Over the past 3-4 years the government has implemented a number of reforms in the areas of privatization and the financial system. All but one of the major government-owned hotels have been sold, and the state has been reducing steadily its share holding in the Bank of The Bahamas. Also, steps have been taken to increase private sector participation in the public utilities, with the bidding process for shares in the state-owned telecommunications company expected to begin this year, and a similar process for the electricity company scheduled to be completed in 2000.
Executive Board AssessmentExecutive Directors commended the authorities' adherence to policies that had attracted substantial flows of private investment, maintained low inflation, and delivered marked increases in per capita income and employment, as well as improved social indicators. Directors encouraged the authorities to build on these achievements to ensure a basis for sustained, noninflationary growth in the medium term, and for further progress in raising social welfare.
Directors considered that appropriate fiscal and monetary policies and effective oversight of financial institutions would continue to play a key role in preserving macroeconomic stability and the exchange rate peg. They commended the authorities' commitment to a low budget deficit. Directors welcomed the steps proposed in the fiscal year 1999-2000 budget to strengthen the revenue base by increasing certain tax rates and reducing tax exemptions, but considered that these efforts should be complemented by a full review of the tax structure. Such a review should include an assessment of the desirability of lowering import duty rates, introducing a value-added tax, or sales tax, and of increasing revenue from property taxes.
Both with a view to strengthening public finances and raising economic efficiency, Directors saw scope for expenditure savings, mainly through containing the growth of the wage bill and reducing subsidies and support to public enterprises. They considered that containment of the wage bill, which could be facilitated by a review of the civil service structure, would help ease wage pressures and promote competitiveness.
Directors welcomed the Government's commitment to move forward quickly to invite private sector participation in the telecommunications and electricity sectors, and looked forward to similar initiatives with respect to other publicly-provided services. In general, Directors considered that development policies should address shortages of labor in key areas, and continue to focus on efforts to broaden the base of the economy beyond tourism. In this connection, they noted the importance of improved training and measures to tackle rigidities in labor arrangements.

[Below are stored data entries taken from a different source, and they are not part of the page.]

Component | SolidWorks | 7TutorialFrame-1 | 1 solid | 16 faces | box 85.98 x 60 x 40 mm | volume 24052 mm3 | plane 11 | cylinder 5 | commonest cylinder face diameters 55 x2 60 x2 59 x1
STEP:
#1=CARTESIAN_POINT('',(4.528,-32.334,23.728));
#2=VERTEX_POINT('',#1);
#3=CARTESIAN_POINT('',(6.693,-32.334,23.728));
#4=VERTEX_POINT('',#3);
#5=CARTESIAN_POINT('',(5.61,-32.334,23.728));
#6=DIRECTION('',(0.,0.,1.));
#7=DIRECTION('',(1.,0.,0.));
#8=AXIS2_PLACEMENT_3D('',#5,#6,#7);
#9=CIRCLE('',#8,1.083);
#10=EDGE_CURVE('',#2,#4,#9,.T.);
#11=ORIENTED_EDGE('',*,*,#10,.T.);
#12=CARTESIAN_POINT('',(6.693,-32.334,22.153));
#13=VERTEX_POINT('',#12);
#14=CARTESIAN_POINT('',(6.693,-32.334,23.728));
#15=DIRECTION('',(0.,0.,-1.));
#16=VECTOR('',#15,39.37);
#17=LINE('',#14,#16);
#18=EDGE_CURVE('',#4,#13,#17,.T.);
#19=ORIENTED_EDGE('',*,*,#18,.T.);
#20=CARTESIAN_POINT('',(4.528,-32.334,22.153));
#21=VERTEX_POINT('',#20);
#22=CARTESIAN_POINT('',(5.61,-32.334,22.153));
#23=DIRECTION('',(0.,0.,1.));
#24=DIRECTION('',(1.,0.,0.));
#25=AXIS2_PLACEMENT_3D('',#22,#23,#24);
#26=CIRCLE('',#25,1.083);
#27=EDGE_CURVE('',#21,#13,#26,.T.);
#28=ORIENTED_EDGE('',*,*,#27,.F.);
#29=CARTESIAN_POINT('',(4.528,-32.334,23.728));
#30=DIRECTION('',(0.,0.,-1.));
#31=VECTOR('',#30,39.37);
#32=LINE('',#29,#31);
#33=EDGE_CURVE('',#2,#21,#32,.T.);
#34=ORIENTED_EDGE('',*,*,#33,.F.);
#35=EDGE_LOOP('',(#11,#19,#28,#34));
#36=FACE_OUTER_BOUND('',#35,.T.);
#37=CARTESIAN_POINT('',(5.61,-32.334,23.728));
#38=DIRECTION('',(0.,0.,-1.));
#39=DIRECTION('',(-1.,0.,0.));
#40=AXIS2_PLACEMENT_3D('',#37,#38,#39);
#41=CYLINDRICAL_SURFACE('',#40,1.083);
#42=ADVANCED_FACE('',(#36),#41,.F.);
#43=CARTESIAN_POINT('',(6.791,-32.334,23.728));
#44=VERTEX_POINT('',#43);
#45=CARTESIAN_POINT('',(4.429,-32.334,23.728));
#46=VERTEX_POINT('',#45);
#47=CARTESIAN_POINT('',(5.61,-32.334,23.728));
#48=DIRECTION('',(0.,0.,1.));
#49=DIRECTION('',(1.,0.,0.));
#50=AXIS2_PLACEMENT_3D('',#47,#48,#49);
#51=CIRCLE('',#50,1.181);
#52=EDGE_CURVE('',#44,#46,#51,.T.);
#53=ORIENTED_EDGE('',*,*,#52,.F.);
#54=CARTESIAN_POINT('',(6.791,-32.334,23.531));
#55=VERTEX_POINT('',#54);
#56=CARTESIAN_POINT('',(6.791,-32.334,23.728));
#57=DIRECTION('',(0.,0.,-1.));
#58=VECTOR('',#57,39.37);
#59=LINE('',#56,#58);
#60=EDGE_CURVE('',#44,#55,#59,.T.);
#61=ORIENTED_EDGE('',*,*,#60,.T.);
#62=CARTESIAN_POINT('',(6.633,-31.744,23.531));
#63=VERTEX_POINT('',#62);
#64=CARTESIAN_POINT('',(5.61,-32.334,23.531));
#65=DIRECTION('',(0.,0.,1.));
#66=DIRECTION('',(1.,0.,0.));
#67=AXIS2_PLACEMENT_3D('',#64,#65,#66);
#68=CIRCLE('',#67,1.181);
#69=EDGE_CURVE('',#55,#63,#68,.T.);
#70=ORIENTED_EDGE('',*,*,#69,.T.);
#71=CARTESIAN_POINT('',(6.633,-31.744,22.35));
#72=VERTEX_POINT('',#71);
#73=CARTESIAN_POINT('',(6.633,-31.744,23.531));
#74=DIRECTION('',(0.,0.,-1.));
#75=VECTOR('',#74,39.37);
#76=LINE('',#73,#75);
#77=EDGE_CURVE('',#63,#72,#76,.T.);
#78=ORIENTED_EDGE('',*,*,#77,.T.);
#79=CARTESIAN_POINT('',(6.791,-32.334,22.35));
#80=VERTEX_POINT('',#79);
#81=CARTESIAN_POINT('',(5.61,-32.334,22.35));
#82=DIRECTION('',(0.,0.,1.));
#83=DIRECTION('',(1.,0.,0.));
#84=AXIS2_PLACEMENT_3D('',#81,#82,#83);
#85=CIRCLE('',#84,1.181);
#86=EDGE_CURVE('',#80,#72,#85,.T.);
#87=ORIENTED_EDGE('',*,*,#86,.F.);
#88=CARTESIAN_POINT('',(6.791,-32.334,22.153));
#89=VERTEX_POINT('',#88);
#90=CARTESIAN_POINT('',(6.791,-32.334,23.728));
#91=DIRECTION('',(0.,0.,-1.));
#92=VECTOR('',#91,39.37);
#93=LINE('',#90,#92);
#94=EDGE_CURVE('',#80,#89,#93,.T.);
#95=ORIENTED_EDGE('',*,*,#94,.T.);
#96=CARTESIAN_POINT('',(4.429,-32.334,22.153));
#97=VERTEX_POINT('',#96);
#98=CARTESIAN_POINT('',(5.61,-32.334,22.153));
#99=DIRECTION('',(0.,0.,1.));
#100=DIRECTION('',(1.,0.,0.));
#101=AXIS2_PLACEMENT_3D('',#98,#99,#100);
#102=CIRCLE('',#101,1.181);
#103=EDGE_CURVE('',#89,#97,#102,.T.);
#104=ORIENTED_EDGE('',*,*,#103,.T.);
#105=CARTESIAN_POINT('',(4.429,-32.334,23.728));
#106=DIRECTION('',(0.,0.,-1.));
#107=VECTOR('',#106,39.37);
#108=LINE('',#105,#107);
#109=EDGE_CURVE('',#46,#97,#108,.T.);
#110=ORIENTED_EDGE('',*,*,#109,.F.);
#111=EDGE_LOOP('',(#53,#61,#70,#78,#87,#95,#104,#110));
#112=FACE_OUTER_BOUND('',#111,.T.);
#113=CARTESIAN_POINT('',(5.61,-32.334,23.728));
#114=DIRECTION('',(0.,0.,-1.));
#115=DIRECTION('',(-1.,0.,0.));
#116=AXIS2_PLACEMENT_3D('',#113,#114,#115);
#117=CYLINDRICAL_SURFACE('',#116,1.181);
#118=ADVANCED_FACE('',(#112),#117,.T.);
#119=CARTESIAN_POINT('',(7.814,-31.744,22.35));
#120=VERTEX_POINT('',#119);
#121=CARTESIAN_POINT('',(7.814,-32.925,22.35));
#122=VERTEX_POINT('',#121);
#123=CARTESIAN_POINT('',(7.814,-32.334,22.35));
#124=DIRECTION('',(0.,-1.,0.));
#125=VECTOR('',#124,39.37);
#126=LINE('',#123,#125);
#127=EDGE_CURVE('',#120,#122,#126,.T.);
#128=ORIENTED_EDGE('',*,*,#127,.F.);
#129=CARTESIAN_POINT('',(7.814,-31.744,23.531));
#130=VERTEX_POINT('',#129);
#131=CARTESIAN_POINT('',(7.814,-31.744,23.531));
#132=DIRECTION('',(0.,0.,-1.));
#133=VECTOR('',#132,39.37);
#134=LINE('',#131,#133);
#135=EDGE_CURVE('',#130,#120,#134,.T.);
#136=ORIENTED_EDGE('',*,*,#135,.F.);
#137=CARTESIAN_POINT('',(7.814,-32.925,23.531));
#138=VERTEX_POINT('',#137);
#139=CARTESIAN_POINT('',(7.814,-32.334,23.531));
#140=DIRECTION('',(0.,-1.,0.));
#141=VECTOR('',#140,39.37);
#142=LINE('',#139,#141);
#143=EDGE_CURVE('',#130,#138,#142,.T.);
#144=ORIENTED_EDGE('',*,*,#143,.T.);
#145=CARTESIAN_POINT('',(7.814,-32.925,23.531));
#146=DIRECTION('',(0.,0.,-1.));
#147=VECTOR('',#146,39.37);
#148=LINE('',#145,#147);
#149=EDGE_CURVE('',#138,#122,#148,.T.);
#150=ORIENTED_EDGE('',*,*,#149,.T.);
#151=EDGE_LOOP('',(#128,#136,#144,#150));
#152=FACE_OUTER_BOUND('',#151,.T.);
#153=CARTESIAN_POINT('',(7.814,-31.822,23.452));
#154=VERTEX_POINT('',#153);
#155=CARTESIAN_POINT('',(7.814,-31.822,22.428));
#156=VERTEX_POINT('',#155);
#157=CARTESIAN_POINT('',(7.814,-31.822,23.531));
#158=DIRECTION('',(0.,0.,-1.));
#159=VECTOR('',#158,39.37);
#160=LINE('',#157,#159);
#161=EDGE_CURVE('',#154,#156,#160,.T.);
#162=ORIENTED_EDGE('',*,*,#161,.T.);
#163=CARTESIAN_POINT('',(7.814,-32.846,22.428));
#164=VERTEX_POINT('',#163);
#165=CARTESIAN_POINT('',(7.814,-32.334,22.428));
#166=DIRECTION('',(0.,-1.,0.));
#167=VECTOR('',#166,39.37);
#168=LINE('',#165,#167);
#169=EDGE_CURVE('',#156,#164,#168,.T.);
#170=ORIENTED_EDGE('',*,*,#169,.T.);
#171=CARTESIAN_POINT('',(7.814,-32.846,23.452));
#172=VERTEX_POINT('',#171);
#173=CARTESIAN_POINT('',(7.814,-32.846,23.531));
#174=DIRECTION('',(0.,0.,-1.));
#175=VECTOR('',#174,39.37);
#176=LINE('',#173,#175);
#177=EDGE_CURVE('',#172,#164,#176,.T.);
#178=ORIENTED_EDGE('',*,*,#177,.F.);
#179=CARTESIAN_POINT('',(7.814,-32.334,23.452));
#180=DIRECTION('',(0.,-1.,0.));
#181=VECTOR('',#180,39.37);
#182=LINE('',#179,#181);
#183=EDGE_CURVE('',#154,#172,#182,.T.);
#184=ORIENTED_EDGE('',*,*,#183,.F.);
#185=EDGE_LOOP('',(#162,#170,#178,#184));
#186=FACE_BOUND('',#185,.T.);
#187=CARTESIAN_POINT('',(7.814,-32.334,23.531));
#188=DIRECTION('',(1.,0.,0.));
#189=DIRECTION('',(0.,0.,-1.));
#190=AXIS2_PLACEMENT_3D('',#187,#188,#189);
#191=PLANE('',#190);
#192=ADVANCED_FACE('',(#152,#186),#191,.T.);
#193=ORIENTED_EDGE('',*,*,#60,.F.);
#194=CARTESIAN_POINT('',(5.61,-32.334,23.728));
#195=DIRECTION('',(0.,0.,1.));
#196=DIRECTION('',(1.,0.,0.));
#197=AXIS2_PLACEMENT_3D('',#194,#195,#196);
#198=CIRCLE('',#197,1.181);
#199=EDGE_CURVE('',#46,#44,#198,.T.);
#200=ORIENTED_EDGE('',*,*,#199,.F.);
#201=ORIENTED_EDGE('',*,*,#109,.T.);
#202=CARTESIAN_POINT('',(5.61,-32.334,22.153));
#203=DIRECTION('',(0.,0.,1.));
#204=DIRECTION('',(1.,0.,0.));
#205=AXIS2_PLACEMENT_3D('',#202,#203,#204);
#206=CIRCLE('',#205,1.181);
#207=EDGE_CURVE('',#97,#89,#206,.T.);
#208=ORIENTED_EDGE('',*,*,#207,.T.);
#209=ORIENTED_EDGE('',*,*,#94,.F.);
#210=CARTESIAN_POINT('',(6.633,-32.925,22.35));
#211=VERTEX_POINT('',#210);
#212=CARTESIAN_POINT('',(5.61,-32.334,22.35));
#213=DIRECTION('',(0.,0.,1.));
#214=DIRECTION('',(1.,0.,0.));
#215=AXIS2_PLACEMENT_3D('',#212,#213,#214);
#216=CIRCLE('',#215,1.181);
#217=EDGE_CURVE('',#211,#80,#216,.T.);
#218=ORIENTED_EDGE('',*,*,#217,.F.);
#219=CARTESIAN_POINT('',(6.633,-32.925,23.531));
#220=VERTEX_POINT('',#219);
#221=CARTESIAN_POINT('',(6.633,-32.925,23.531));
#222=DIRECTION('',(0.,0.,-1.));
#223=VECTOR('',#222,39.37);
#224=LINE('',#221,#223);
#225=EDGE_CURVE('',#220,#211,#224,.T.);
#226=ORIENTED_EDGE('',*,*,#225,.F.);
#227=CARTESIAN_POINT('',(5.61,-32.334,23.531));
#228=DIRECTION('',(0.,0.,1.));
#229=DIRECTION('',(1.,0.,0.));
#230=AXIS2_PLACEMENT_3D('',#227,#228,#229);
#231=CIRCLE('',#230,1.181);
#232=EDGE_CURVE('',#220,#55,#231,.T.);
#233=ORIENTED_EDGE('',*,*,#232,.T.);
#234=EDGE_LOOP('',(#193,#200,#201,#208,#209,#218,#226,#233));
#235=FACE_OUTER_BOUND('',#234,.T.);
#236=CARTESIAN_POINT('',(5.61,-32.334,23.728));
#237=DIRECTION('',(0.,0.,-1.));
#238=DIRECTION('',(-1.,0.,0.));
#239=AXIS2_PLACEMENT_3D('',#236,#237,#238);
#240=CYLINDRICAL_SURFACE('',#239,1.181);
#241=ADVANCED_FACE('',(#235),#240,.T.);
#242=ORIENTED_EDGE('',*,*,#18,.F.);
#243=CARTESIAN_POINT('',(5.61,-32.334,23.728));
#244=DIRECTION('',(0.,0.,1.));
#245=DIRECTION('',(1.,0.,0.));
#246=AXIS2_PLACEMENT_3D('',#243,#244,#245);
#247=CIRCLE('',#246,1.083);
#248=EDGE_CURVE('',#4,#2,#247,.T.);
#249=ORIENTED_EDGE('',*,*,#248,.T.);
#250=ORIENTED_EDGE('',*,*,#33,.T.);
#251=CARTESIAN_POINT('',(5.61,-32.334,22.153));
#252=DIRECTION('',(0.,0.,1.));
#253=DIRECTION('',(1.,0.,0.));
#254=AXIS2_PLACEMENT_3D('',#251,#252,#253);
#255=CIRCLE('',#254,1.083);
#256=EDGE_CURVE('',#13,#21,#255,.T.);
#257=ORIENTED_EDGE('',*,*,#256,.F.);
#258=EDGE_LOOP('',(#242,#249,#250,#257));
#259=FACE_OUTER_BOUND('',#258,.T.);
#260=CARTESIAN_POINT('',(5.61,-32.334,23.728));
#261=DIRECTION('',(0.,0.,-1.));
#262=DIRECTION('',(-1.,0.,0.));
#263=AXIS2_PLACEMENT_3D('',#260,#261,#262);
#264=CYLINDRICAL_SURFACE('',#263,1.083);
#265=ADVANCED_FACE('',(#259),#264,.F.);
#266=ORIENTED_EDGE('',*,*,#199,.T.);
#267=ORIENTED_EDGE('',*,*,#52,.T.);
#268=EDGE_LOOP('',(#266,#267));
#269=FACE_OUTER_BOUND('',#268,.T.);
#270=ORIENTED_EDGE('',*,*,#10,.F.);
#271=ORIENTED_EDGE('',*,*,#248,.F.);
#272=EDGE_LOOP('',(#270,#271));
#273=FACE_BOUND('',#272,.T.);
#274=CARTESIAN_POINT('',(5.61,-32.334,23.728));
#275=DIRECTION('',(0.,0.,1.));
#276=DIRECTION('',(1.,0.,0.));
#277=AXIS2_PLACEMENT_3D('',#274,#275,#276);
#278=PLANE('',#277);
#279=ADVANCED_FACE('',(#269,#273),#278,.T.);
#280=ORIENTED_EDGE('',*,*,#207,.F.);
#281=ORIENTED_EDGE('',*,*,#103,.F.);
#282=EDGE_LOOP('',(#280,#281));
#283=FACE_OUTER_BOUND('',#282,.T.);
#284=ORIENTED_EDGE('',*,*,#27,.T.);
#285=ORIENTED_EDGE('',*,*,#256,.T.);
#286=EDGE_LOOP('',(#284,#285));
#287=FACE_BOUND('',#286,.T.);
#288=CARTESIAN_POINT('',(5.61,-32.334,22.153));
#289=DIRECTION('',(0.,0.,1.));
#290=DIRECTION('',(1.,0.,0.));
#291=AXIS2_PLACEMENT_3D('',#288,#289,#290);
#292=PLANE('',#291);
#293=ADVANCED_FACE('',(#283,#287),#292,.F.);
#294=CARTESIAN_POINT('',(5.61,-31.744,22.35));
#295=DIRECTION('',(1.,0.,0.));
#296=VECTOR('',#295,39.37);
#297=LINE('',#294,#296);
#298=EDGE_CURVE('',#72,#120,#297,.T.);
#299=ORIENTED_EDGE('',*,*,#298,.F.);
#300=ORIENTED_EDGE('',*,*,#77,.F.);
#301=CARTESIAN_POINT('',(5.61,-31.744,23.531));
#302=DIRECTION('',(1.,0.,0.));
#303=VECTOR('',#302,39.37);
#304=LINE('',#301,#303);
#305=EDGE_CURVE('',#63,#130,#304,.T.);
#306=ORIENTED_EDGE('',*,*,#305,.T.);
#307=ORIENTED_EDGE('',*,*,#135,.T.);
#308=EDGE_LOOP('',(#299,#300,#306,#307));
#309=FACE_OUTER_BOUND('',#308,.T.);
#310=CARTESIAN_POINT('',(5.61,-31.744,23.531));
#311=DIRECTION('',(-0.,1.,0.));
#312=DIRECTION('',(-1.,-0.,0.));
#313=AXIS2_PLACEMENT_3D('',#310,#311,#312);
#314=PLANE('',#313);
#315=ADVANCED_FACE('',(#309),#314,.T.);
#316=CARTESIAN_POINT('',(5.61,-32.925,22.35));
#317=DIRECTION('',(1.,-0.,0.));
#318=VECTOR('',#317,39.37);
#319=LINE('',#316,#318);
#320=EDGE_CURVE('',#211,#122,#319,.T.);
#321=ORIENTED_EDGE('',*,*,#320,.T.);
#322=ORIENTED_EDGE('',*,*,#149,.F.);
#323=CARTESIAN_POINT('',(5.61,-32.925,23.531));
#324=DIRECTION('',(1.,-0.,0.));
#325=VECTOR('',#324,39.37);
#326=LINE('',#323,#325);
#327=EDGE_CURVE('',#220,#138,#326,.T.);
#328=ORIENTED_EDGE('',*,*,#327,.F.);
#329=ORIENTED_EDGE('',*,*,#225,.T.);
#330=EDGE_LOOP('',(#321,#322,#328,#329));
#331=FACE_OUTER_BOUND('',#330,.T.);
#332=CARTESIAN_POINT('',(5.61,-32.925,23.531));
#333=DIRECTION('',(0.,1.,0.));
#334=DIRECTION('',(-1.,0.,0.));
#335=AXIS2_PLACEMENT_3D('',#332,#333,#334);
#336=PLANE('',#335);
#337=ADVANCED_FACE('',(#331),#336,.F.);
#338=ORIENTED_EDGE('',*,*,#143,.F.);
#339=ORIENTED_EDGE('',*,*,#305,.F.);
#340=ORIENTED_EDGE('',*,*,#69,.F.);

Directors welcomed the recent steps taken by the central bank to strengthen prudential credit guidelines, and more generally to modernize the regulatory framework for the financial system in line with international standards. They urged the authorities to remain vigilant concerning the threat of money laundering.
Directors commended the quality and range of most published economic statistics. However, noting the widening external current account deficit, and the importance of capital flows in the balance of payments, Directors urged the authorities to try to identify the nature and origin of unexplained capital inflows, and to monitor the external situation carefully. They also encouraged further improvement in the national accounts.
Directors welcomed the authorities' intention to release the Article IV staff report under the pilot project.